Molina also credits Emily Smitherman, M.D., MSCTR, associate professor in the Division of Pediatric Rheumatology who oversees the educational component of resident QI learning and supports lectures and curriculum development.

Administrative support has also played a major role in sustaining the program. Andrea Kennedy, education administrator senior for the UAB Pediatric Residency Program, helps coordinate resident involvement, track project progress and support annual QI reporting efforts.

“The program reflects a core commitment to integrating scholarship and clinical practice,” said Kennedy. “Residents gain hands-on experience applying improvement science to real clinical and educational challenges while learning how to improve the systems in which they work.”

Kennedy says the program has grown substantially over time, with increased faculty mentorship, stronger resident participation and expanding enthusiasm for quality improvement among trainees and faculty alike.

Looking toward the future

Although the program has evolved considerably over the last 13 years, Molina says growth remains ongoing. One major focus moving forward is finding new ways to integrate Epic data into resident projects, helping trainees better understand real-time clinical information and quality trends.

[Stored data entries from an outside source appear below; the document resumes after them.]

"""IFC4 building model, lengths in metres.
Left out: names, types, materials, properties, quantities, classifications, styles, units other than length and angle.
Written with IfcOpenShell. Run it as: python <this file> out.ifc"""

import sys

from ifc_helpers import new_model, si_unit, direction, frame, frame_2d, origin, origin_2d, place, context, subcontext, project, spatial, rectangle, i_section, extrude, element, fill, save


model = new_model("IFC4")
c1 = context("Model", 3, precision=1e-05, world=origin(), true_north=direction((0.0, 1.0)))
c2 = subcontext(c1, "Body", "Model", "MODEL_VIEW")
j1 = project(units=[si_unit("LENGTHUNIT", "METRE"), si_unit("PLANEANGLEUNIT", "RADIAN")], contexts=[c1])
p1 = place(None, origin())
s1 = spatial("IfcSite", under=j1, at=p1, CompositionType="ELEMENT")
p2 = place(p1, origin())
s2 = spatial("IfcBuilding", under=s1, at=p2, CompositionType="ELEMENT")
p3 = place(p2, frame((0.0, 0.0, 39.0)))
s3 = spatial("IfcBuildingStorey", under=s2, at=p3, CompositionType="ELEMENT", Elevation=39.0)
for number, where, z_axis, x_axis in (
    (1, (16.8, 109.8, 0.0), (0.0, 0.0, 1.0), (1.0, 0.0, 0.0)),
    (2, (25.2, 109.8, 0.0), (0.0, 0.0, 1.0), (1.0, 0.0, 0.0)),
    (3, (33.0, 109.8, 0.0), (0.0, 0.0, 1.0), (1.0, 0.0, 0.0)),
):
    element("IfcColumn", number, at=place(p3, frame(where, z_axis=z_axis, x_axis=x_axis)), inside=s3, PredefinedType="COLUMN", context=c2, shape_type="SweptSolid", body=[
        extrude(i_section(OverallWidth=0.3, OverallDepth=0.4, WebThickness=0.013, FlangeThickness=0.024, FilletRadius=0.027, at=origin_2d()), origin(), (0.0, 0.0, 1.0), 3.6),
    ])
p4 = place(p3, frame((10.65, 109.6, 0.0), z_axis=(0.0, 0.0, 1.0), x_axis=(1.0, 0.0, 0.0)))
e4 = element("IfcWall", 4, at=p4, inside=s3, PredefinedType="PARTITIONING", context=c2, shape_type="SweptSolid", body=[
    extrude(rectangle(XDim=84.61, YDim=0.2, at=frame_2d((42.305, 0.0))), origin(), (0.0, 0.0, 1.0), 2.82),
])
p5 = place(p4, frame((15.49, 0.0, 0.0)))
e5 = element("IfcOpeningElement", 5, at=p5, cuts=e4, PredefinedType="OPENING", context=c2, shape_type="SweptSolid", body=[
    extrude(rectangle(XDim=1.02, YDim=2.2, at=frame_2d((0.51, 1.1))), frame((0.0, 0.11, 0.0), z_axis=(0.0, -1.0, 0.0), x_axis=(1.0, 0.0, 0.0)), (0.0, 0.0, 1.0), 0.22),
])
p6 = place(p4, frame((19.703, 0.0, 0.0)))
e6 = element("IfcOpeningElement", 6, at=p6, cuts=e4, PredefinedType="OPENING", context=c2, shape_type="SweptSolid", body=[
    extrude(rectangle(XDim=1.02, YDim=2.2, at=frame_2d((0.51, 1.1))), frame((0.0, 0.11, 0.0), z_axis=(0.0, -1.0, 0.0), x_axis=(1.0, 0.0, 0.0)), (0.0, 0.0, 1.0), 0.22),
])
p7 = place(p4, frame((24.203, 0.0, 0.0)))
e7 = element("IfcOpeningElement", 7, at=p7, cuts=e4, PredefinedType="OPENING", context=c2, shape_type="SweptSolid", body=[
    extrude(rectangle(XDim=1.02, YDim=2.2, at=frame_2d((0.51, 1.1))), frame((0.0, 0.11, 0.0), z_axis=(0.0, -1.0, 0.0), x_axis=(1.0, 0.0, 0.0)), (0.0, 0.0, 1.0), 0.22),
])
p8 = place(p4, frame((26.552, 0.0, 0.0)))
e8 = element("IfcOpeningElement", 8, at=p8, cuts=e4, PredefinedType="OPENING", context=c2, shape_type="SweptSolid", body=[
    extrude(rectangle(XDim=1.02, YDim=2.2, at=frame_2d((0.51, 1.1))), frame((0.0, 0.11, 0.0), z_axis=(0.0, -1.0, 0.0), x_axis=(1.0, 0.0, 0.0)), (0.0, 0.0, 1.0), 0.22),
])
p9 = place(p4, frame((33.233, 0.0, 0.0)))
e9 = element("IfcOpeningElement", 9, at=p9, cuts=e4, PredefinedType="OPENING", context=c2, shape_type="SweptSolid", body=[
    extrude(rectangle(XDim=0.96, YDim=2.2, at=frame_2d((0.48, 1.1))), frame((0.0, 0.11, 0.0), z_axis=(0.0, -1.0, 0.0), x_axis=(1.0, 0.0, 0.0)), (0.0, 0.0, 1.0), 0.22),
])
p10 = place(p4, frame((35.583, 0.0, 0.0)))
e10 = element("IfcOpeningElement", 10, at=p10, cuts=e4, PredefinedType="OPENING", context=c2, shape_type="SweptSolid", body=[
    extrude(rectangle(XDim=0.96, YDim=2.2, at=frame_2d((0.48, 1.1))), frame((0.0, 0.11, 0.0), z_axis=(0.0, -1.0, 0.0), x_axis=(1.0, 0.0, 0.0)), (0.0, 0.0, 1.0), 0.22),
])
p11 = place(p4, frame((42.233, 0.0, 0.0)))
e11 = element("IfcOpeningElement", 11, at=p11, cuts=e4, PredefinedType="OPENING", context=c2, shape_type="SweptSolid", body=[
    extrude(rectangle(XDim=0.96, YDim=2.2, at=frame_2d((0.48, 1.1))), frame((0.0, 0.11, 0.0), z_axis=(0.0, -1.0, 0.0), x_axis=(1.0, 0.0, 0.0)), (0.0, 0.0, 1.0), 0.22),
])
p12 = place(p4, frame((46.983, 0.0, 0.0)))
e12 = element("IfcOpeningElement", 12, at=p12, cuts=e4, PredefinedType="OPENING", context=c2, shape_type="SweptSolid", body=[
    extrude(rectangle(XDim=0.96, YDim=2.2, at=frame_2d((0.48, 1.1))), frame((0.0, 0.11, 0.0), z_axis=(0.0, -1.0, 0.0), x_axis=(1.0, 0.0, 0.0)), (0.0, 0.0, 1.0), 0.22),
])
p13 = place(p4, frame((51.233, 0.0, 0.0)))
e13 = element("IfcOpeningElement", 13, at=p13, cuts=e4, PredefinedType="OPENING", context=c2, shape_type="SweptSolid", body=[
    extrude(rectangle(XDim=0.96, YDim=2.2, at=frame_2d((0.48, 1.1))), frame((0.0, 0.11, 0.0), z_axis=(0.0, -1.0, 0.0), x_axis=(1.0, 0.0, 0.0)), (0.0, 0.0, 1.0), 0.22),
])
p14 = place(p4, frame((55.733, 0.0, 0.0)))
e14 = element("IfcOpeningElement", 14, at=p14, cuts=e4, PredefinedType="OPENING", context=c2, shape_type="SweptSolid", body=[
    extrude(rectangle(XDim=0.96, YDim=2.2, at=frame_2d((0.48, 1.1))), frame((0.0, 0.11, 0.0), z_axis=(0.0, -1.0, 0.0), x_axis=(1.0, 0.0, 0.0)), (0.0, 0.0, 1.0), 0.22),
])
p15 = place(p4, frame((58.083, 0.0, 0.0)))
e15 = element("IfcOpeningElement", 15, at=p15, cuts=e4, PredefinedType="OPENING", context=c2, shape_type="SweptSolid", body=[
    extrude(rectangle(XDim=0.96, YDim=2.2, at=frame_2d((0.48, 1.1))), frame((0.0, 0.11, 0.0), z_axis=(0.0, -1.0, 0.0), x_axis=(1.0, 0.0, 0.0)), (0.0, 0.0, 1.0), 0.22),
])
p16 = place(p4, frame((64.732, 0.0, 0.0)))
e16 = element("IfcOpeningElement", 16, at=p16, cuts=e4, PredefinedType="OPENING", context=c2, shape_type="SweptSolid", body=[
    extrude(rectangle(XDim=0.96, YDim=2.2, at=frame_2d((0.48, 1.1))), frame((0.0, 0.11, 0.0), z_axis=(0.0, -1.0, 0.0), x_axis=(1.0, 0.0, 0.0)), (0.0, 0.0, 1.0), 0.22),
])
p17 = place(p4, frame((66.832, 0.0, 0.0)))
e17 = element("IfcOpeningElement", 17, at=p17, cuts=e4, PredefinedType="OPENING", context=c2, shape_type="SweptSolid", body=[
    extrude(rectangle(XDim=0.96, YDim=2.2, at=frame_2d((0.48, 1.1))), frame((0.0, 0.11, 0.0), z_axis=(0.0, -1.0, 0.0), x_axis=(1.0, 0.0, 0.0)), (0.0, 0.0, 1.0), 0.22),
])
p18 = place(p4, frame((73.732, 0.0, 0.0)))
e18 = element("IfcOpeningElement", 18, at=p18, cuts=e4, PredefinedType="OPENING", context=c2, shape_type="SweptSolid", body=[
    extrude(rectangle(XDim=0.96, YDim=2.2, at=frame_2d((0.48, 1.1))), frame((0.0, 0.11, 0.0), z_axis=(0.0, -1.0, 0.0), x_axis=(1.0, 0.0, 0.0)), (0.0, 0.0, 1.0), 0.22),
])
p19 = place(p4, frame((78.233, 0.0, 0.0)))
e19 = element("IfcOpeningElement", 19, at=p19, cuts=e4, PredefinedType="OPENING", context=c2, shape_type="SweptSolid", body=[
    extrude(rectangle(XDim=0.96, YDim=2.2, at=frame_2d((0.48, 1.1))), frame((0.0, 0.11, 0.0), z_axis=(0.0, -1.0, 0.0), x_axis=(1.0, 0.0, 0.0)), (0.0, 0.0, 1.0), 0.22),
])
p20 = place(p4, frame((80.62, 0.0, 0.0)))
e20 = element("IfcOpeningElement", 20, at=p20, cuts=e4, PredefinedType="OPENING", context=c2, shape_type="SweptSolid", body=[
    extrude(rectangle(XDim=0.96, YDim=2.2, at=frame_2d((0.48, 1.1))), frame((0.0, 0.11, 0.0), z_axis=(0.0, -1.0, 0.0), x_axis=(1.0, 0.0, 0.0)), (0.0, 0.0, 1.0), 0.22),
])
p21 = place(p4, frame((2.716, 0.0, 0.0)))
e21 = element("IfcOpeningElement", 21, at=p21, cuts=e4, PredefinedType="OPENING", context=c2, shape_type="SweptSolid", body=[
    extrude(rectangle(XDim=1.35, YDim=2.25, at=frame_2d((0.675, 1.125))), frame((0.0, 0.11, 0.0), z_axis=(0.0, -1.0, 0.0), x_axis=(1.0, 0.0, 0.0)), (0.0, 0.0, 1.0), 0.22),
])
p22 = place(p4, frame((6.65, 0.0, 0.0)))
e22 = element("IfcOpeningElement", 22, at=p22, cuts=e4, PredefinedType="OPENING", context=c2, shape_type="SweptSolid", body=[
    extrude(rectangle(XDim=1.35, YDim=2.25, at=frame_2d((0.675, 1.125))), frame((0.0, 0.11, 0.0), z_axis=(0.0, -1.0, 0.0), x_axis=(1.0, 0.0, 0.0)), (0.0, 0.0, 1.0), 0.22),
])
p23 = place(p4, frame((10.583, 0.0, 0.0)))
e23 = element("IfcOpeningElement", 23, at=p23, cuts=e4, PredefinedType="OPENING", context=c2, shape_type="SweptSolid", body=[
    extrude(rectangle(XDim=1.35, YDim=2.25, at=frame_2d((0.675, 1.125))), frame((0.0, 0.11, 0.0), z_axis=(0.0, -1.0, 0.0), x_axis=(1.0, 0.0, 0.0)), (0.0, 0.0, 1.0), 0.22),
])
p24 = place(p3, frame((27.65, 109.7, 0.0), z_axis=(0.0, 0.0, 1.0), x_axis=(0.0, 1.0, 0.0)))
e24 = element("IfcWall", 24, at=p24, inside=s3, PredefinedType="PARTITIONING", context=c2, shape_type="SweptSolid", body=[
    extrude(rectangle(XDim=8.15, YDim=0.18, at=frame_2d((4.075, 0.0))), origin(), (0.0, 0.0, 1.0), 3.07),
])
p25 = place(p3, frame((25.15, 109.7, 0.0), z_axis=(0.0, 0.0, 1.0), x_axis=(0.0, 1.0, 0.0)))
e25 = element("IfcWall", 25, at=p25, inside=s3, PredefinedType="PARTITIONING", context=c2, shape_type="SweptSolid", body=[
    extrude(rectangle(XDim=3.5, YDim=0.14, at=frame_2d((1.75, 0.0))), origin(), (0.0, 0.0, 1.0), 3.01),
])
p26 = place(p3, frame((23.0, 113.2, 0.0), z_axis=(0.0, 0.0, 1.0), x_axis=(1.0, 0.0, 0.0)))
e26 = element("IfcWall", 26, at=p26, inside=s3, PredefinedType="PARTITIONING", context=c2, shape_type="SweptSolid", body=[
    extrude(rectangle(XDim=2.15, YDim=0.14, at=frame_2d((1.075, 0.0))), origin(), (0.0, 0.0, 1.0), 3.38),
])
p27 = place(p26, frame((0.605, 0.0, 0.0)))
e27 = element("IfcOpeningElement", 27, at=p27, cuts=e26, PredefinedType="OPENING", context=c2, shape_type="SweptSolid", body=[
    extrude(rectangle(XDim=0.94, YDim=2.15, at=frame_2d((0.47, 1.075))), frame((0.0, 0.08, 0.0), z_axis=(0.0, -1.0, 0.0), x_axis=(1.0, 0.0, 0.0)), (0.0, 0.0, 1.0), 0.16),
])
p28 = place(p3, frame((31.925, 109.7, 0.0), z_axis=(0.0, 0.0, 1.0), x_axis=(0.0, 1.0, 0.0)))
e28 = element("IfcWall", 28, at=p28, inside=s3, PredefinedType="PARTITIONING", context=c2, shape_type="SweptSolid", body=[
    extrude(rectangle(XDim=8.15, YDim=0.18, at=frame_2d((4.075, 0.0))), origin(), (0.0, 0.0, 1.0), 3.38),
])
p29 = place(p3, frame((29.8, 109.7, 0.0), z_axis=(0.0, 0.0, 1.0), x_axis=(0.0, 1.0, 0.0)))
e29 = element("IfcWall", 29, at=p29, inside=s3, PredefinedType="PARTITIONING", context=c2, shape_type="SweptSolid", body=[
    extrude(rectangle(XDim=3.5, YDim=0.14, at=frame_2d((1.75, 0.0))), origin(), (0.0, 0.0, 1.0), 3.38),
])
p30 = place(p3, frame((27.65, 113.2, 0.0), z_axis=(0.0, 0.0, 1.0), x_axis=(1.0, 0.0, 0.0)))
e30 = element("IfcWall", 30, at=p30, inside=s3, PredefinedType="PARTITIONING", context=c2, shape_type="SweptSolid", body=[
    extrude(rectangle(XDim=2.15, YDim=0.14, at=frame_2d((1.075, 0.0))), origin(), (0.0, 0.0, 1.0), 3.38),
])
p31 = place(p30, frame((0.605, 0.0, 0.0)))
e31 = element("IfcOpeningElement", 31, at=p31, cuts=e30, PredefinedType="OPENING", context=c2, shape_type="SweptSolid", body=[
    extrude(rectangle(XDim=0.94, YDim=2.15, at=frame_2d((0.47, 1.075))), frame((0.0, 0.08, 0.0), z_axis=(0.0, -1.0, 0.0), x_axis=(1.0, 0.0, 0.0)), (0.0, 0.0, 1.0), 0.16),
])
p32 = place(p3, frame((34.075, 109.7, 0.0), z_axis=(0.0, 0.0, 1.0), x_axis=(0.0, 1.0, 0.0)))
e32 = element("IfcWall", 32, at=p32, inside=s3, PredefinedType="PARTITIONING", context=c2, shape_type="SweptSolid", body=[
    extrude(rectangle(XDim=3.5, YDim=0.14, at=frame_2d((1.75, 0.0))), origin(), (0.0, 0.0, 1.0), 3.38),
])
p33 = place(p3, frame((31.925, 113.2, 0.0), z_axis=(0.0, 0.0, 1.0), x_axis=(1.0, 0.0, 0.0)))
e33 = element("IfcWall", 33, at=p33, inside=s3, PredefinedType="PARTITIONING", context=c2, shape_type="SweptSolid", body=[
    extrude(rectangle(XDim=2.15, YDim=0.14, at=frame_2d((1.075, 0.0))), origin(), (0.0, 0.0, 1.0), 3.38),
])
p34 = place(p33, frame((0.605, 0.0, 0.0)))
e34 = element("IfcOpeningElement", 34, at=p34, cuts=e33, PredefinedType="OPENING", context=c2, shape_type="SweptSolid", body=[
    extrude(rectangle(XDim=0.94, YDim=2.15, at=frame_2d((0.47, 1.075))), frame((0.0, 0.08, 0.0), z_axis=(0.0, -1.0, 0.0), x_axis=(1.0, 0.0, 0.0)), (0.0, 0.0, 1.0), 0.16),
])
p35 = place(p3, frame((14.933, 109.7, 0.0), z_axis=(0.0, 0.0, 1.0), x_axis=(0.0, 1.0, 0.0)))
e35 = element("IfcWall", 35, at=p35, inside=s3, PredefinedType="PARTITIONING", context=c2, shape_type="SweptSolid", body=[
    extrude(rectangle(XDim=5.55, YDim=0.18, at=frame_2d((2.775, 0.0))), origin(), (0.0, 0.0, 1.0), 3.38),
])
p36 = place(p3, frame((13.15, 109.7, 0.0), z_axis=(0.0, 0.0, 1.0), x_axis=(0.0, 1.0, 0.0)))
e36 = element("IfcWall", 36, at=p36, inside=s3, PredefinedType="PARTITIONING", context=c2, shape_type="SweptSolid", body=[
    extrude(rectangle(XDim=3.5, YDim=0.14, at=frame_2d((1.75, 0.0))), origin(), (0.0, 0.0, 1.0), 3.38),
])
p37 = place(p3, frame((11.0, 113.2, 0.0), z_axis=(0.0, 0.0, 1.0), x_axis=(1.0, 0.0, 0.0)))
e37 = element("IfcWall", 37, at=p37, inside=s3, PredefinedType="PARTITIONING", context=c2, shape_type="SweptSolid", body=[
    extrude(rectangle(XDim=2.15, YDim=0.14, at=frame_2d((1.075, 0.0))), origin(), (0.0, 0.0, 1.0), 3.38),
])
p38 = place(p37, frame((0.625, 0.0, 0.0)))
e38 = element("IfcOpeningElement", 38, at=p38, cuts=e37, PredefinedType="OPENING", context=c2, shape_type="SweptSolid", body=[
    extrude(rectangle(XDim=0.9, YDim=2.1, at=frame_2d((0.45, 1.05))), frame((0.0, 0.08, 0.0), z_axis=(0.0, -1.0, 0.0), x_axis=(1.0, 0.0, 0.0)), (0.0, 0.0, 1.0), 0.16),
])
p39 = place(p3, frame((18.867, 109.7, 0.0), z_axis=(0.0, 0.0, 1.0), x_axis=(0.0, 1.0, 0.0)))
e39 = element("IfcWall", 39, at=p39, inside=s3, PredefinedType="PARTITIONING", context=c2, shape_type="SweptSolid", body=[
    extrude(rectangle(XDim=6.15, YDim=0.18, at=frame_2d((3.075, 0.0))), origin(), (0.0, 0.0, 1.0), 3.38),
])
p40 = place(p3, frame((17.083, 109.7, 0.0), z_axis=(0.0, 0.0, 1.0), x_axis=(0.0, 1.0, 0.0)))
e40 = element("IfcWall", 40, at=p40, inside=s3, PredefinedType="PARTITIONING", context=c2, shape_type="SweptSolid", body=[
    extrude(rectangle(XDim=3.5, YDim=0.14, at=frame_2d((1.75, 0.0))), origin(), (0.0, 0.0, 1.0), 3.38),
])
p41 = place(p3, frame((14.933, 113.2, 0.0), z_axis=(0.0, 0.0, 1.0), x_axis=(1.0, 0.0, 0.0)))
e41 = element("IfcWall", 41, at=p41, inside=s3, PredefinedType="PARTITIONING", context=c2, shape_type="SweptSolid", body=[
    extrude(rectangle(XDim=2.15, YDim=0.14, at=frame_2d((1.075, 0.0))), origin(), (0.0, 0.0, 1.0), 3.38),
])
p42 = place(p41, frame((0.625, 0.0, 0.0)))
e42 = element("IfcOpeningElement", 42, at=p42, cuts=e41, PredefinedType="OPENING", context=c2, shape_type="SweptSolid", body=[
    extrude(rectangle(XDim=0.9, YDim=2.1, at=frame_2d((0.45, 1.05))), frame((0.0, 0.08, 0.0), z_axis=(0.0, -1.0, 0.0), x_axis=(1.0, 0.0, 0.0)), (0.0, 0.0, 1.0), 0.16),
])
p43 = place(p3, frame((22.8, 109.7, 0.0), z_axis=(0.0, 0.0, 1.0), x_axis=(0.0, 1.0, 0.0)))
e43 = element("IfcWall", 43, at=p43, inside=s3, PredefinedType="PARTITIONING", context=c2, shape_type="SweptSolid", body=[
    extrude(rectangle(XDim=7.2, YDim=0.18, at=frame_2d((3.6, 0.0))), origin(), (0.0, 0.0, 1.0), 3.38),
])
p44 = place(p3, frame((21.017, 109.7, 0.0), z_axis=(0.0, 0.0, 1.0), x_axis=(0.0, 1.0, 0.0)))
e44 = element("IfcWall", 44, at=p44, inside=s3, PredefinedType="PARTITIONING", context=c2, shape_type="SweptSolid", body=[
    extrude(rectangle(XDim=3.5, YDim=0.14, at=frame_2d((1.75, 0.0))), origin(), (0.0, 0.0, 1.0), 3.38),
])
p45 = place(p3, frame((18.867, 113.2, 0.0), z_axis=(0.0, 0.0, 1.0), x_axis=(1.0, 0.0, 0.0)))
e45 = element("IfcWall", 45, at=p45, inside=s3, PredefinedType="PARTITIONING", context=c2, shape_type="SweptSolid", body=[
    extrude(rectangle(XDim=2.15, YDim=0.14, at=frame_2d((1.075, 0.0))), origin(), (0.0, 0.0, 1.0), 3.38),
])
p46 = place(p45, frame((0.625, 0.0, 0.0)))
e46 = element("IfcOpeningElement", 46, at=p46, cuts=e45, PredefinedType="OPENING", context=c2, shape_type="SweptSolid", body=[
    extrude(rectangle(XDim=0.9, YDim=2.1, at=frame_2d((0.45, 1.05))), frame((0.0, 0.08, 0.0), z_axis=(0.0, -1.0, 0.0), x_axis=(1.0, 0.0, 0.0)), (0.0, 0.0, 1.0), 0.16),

“I think bringing the data to life becomes really powerful,” Molina emphasized. “When residents can see it, interact with it and understand how changes impact care over time, it makes quality improvement much more meaningful.”

For Molina, one of the greatest accomplishments is not only seeing residents complete projects, but also building an infrastructure capable of sustaining meaningful work year after year.

“I think what I am most proud of is that we have created a system where residents are consistently accomplishing meaningful projects,” Molina highlighted. “We are always thinking about how to make it better.”